Command | Description |
---|---|
ASTA-Seq1.pl |
annotate each read with the gene, SNP and CG, and genome from the allele information. |
ASTA-Seq2.pl |
calculate the relative frequencies of each dinucleotide for each gene,CG and species. |
Using the configuration file information, the script will identify first the gene to which each read belongs. The input flanking SNP upstream sequence will be used to find the right form of the SNP and deduce the genome (REF=MUS, ALT=CAS) afterwards. Finally, the CG real variation form will be registered and associated to the current read in process. One read can be assigned only to one gene variant of the configuration file, but during the process this search will be attempted against all of the primer identifying the same gene. An example of the calling and the first lines of the output is:
% perl scripts/ASTA-Seq1.pl data/config_file.txt samples/sample1.fastq > results/COMPACT_sample1.txt
% cat results/COMPACT_sample1.txt
...
@M03766:461:000000000-L96J3:1:1101:18550:1903 Mtm1_1 GGGAAAATAGAATTTATTGGTTGGTTAGGT 4 TTATGTTAGGTTAAA 229 243 A GGTTGGTTAGGTTTT 22 36 CG C,T A CAS
@M03766:461:000000000-L96J3:1:1101:19062:1927 Dlg3_1 GGTTGTTGGGTTAGTAGTGGTGGAG 4 GTCGTTTCGTTTTTT 166 180 G AAGAGTAGGTTGATT 33 47 CG G A MUS
@M03766:461:000000000-L96J3:1:1101:13876:1935 Zpf185_1 TTTGTATTAGGTAGGGTTGTTGAGT 5 GTTAGGGAGGTAGT 167 180 G GTAGGGTTGTTGAGT 15 29 TG G A MUS
...
This second script takes the result of the first step of the analyzes and calculates the relative frequency of each combination of gene, species and CG/TG percentages. The rest of nucleotide pairs were no longer taken into account for final percentages calculations as they would belong to mutated reads. An excerpt of a call to this script and this class of output files is:
% perl scripts/ASTA-Seq2.pl -v results/COMPACT_sample1.txt > results/FINAL_sample1.txt
%%%% 4608397 reads from results/COMPACT_sample1.txt have been acquired
% cat results/FINAL_sample1.txt
...
Dlg3_1 AG CAS 26 0.010449824764477 MUS 30 0.0120574901128581
Dlg3_1 AT MUS 1 0.00040191633709527
Dlg3_1 CA CAS 31 0.0124594064499534 MUS 40 0.0160766534838108
Dlg3_1 CC MUS 1 0.00040191633709527
Dlg3_1 CG CAS 30112 12.1025047426128 MUS 46641 18.7457798784605
Dlg3_1 CT CAS 56 0.0225073148773351 MUS 71 0.0285360599337642
Dlg3_1 GG CAS 22 0.00884215941609595 MUS 18 0.00723449406771486
Dlg3_1 TA CAS 67 0.0269283945853831 MUS 58 0.0233111475515257
Dlg3_1 TC CAS 5 0.00200958168547635 MUS 3 0.00120574901128581
Dlg3_1 TG CAS 99293 39.9074788592007 MUS 72053 28.9592778367255
Dlg3_1 TT CAS 166 0.0667181119578149 MUS 114 0.0458184624288608
...
Full set of input samples (raw data) and final output results (processed data) are available at the following GEO record GSE236247 (https://www.ncbi.nlm.nih.gov/geo/query/acc.cgi?acc=GSE236247).

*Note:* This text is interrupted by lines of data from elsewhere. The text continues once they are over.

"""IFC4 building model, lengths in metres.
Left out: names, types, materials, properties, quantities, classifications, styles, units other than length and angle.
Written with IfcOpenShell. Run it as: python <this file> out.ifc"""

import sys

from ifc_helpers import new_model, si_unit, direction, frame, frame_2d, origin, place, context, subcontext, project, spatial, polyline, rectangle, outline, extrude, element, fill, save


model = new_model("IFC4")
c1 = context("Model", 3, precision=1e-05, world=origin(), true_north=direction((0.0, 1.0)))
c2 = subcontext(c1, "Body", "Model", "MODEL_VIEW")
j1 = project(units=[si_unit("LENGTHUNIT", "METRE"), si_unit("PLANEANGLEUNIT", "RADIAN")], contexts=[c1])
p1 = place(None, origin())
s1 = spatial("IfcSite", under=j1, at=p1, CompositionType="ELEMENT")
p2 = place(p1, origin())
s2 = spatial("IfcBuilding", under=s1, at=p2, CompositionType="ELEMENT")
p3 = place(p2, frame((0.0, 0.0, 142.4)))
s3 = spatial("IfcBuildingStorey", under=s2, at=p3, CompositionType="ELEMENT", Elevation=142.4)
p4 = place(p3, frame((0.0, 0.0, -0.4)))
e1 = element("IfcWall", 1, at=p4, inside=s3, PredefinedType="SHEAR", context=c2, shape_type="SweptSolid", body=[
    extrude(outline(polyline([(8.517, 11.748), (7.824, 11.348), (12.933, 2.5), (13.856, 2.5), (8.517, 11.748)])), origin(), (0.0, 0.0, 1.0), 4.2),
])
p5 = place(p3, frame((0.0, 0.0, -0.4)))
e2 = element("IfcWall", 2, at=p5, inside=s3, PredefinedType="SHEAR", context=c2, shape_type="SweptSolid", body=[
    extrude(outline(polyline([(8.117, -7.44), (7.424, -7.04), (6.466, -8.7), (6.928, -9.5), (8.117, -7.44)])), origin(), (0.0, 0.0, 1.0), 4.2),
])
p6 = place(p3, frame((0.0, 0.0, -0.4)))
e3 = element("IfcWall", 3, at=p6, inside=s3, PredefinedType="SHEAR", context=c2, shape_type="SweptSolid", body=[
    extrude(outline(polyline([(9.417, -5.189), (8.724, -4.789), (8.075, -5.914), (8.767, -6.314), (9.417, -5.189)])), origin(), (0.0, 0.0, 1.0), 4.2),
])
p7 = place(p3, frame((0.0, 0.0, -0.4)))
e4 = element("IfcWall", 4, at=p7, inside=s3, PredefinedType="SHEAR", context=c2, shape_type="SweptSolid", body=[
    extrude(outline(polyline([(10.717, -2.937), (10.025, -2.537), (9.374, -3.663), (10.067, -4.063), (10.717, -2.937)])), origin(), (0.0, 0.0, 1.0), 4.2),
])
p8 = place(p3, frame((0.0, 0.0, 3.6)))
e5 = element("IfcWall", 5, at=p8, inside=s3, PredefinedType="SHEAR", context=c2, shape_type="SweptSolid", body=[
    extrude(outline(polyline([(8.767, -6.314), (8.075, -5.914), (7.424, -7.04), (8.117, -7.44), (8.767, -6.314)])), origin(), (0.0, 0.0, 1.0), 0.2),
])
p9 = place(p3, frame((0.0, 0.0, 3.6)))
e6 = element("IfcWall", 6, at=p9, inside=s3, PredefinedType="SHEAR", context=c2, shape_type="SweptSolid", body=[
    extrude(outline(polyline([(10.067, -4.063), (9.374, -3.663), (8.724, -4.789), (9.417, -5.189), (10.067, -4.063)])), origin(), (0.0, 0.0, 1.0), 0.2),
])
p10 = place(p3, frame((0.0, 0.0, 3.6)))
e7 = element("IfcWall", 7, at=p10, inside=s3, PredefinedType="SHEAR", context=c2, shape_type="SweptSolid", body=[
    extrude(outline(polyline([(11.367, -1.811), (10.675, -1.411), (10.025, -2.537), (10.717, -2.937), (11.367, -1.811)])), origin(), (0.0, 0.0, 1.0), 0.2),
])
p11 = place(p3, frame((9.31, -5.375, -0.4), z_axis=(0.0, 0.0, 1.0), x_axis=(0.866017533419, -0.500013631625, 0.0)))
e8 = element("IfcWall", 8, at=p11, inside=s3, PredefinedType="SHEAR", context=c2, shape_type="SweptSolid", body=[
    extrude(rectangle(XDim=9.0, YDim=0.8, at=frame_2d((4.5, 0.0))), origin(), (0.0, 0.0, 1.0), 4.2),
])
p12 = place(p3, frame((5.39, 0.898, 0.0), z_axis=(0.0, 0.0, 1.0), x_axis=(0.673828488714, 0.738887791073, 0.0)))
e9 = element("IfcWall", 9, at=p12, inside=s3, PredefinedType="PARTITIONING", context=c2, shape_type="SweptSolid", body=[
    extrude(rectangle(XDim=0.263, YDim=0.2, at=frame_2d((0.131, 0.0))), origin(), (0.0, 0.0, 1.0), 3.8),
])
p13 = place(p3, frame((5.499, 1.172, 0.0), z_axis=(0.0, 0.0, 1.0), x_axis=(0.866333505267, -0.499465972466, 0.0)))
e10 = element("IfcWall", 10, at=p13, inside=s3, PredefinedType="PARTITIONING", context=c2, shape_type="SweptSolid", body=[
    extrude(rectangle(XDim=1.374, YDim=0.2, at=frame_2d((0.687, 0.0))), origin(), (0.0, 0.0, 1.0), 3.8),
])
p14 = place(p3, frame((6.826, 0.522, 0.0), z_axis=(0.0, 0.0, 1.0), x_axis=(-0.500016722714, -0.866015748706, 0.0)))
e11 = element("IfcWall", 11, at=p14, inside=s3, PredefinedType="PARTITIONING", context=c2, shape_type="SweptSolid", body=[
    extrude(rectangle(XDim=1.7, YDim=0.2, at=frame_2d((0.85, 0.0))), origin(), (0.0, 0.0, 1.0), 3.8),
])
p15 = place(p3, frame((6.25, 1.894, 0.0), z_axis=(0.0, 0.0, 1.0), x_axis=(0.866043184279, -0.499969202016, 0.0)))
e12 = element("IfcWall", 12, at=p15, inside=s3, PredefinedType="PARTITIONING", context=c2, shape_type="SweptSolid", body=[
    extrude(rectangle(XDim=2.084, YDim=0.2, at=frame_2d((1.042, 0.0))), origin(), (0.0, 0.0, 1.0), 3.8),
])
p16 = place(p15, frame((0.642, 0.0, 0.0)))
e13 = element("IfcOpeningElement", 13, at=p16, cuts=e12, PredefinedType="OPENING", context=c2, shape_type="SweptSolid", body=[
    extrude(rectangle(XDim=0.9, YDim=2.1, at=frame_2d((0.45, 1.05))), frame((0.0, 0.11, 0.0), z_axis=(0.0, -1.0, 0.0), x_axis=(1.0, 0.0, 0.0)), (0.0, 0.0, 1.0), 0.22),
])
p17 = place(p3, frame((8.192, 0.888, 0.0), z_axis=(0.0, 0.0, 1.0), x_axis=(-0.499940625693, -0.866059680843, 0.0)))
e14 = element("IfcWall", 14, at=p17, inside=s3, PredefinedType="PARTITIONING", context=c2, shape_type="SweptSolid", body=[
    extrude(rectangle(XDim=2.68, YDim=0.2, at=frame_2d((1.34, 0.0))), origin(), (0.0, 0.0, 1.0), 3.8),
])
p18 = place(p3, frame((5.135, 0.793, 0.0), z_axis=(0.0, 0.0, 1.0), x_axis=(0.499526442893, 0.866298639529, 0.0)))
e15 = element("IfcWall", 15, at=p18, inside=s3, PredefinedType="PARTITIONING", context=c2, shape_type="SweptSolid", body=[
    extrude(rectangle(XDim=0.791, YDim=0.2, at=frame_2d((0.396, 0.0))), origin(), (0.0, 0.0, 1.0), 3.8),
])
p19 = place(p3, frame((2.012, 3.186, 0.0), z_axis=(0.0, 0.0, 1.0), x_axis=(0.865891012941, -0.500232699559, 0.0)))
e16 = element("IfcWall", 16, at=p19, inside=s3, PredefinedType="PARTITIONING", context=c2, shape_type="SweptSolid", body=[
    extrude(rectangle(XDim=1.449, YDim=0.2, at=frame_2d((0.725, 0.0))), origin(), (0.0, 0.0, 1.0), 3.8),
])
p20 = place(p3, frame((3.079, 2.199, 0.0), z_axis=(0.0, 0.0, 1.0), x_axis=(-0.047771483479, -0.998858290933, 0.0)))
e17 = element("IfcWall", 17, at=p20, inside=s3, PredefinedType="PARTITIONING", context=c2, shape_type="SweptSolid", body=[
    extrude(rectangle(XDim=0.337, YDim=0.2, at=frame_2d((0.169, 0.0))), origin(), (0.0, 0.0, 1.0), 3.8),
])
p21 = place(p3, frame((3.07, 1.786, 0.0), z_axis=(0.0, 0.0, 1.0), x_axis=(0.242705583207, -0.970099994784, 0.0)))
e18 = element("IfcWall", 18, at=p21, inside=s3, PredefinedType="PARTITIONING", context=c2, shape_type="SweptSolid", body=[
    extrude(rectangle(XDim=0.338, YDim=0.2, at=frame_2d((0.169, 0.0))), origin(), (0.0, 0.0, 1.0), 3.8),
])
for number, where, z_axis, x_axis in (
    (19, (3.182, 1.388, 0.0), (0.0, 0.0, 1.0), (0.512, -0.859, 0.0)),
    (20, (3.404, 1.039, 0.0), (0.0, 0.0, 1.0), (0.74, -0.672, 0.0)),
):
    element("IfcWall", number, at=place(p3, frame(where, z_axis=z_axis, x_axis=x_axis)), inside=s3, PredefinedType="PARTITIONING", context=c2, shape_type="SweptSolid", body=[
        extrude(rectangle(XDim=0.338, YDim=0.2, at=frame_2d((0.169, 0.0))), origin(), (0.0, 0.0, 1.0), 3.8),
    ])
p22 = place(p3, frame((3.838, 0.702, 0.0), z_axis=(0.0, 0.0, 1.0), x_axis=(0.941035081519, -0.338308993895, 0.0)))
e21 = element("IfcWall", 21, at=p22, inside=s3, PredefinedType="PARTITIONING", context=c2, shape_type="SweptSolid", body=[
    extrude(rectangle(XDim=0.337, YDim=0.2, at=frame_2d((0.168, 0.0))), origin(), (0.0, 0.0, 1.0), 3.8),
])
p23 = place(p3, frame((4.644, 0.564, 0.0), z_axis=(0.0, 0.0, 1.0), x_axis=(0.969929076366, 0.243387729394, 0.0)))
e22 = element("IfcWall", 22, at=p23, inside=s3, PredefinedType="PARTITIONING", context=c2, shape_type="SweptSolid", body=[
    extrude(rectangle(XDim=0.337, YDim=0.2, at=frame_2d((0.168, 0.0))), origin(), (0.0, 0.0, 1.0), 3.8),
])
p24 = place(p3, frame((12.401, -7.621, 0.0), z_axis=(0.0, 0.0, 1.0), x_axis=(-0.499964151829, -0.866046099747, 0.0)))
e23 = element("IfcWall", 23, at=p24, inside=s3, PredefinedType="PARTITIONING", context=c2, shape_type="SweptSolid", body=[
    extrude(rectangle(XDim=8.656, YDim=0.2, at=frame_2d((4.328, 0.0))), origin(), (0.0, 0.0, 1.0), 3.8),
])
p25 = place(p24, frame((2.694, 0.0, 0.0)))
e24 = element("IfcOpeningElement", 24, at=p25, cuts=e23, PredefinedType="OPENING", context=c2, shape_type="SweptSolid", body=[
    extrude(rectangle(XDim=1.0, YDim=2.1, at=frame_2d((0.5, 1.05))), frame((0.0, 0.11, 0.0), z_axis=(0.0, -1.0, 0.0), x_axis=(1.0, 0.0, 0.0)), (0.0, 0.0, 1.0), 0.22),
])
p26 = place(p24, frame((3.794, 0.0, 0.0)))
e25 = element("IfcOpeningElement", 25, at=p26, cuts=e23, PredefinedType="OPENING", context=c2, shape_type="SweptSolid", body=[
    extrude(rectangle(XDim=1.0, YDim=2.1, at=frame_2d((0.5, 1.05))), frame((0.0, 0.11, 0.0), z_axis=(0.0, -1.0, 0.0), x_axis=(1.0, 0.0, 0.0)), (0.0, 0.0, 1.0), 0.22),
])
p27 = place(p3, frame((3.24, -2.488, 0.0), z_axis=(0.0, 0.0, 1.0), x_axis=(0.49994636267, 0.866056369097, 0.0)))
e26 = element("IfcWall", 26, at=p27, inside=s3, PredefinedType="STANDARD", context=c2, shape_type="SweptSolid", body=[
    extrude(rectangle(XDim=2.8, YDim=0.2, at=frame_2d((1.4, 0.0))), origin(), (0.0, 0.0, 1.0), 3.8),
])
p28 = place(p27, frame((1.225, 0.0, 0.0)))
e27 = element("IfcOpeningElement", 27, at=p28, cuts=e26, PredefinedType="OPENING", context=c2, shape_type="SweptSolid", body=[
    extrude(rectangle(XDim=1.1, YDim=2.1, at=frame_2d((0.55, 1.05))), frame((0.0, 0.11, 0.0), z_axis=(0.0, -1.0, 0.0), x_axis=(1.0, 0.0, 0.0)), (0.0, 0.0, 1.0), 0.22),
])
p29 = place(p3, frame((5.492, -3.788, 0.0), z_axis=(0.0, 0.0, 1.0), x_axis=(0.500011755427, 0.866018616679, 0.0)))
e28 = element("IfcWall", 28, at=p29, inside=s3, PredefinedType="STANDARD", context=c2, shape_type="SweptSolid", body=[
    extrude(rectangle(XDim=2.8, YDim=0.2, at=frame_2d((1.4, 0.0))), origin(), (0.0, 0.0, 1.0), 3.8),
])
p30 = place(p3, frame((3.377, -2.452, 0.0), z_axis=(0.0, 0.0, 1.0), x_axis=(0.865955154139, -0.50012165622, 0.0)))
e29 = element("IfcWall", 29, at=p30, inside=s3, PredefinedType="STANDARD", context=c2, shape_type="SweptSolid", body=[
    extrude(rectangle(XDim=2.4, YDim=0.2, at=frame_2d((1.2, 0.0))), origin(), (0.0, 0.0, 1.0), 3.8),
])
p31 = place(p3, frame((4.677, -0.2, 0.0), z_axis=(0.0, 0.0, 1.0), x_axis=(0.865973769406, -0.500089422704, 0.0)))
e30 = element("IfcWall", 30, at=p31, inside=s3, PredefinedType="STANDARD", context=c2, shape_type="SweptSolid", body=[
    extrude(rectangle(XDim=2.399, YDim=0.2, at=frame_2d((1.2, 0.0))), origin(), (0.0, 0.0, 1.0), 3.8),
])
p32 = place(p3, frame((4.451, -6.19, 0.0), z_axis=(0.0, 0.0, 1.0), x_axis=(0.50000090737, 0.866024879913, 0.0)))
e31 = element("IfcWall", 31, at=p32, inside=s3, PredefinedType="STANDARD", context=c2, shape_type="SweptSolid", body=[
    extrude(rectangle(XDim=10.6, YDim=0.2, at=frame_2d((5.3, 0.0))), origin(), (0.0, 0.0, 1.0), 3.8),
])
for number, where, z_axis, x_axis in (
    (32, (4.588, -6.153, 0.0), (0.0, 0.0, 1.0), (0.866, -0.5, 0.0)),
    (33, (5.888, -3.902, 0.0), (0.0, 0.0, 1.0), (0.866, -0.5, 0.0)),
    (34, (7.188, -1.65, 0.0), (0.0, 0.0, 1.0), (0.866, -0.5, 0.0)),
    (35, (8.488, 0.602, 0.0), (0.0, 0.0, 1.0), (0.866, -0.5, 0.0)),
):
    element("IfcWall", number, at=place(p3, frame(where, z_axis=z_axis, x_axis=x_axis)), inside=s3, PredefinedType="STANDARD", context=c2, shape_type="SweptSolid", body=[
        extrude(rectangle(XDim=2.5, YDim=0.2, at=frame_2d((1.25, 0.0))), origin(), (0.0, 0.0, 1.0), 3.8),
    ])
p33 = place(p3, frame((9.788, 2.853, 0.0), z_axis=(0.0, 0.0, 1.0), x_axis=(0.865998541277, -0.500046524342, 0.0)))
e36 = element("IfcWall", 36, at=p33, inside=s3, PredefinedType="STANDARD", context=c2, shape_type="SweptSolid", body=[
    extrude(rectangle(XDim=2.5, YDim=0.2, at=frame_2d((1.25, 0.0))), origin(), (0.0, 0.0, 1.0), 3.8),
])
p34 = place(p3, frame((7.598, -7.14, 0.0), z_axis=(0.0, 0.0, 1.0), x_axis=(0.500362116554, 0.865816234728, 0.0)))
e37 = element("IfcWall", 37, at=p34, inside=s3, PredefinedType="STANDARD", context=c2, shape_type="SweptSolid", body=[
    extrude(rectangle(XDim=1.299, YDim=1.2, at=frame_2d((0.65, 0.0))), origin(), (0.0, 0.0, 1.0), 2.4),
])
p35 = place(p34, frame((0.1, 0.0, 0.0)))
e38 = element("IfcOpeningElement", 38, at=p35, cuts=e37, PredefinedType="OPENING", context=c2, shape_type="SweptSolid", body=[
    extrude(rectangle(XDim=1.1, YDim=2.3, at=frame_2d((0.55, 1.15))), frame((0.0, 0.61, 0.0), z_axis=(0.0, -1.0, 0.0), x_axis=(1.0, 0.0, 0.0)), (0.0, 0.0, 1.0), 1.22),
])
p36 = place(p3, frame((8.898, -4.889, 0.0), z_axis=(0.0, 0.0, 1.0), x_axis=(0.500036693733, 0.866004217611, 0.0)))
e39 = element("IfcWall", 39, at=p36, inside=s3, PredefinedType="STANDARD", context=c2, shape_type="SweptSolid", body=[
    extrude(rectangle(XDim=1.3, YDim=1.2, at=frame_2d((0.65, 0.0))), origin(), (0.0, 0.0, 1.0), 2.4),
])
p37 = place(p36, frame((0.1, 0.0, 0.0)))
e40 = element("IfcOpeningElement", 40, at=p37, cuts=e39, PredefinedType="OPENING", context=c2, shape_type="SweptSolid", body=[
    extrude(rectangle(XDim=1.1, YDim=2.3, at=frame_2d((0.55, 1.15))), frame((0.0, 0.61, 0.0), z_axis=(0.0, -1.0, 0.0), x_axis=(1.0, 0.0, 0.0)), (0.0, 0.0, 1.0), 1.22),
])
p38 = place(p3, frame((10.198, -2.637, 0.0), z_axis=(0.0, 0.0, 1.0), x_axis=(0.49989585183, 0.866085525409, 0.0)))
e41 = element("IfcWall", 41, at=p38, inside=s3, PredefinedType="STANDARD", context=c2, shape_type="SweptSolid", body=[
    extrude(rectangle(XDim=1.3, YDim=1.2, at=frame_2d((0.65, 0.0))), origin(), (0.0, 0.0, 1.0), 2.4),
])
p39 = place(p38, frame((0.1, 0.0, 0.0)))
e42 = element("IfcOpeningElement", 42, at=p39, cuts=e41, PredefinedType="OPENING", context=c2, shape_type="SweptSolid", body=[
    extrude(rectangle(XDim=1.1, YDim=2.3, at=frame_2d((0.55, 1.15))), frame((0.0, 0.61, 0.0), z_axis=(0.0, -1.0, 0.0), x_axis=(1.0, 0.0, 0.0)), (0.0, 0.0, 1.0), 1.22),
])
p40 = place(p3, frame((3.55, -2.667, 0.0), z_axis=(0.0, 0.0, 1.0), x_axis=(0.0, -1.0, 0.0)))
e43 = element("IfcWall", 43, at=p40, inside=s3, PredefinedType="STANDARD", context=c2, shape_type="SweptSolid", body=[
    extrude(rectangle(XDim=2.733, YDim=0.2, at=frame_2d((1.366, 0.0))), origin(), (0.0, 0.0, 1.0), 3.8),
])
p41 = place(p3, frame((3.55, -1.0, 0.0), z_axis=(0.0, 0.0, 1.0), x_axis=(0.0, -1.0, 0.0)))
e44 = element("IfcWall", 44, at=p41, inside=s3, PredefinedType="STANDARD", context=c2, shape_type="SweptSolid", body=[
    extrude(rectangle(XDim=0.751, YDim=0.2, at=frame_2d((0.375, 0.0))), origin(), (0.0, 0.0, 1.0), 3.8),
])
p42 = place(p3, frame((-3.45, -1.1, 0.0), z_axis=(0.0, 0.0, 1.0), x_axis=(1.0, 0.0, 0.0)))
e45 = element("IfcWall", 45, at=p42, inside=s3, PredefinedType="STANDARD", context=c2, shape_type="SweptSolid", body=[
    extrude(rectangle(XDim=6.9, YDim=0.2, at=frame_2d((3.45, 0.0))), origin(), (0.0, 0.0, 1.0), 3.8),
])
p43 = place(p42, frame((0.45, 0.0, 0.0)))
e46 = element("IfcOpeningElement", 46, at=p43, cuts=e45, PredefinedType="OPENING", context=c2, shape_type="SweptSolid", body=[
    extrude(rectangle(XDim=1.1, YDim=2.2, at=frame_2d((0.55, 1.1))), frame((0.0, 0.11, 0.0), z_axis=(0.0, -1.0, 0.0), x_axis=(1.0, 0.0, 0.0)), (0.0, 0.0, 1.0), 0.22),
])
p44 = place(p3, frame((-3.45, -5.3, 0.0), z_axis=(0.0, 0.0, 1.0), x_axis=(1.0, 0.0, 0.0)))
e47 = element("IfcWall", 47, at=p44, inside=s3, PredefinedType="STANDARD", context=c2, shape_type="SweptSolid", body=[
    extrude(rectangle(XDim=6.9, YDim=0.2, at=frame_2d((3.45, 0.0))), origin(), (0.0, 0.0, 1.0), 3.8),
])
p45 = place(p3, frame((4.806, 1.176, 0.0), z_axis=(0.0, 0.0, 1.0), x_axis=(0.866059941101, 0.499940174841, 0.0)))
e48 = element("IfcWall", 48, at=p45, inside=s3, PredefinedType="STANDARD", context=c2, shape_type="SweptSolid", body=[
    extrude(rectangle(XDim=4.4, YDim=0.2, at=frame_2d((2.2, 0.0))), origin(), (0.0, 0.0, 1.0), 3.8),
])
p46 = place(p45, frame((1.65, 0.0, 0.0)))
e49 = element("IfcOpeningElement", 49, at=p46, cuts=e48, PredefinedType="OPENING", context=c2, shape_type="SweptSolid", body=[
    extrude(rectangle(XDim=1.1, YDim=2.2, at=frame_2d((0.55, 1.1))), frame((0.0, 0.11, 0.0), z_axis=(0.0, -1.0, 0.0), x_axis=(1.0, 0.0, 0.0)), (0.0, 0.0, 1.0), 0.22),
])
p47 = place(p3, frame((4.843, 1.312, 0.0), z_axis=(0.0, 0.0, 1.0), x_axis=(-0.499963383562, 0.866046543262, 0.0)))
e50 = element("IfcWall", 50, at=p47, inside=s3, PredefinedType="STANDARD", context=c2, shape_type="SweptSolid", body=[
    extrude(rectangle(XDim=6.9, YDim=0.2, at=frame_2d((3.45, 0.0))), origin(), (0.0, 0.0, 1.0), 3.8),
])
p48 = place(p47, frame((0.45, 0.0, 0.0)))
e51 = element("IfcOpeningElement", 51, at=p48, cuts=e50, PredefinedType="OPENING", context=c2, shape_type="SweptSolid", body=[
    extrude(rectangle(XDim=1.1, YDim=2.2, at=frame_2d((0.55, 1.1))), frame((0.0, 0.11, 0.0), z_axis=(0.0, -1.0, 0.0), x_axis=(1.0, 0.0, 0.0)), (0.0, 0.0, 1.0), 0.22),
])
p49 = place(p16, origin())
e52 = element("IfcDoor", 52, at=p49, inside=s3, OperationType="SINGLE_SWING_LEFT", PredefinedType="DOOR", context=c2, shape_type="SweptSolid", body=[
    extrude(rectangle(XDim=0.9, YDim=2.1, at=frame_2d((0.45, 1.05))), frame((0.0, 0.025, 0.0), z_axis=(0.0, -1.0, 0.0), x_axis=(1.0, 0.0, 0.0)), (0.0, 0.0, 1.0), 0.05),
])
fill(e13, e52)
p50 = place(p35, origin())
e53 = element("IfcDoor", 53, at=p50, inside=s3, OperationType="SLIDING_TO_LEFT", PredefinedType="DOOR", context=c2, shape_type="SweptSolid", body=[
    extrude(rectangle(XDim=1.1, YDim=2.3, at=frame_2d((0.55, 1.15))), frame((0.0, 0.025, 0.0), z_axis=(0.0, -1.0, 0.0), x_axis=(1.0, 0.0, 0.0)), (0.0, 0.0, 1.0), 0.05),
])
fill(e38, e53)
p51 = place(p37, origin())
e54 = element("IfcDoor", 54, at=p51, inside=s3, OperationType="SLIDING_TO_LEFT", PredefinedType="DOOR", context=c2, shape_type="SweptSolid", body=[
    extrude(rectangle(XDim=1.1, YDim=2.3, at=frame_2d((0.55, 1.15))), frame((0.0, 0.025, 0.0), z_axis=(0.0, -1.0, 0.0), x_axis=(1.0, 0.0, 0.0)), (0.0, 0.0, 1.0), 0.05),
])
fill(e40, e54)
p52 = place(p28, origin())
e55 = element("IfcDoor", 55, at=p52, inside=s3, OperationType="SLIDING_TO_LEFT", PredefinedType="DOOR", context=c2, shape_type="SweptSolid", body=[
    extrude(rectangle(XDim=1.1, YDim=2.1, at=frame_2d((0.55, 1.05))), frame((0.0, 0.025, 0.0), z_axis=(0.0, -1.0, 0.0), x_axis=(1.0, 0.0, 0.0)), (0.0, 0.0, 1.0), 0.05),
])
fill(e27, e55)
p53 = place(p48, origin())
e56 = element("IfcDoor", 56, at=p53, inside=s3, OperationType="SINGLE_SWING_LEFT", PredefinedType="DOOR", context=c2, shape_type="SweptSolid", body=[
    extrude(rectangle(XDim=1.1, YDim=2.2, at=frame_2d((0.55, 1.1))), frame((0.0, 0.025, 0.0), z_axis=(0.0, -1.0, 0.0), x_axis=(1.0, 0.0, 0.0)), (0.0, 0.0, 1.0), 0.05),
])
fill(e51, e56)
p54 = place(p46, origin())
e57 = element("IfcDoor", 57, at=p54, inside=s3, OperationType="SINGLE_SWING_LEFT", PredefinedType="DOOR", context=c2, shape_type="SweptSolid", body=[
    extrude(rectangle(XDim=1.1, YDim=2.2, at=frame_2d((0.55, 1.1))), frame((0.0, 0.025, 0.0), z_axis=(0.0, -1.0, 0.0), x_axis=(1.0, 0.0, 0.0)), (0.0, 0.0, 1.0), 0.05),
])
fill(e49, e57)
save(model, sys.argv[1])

Please, cite the following reference when using ASTA-Seq:
The Interferon Gamma Pathway Enhances Pluripotency and X-Chromosome Reactivation in iPSC Reprogramming. M. Barrero, A. Lazarenkov, E. Blanco, L.G. Palma, A.V. Lopez-Rubio, M. Bauer, A. Bigas, L. Di Croce, J.L. Sardina and B. Payer. (under review, 2024).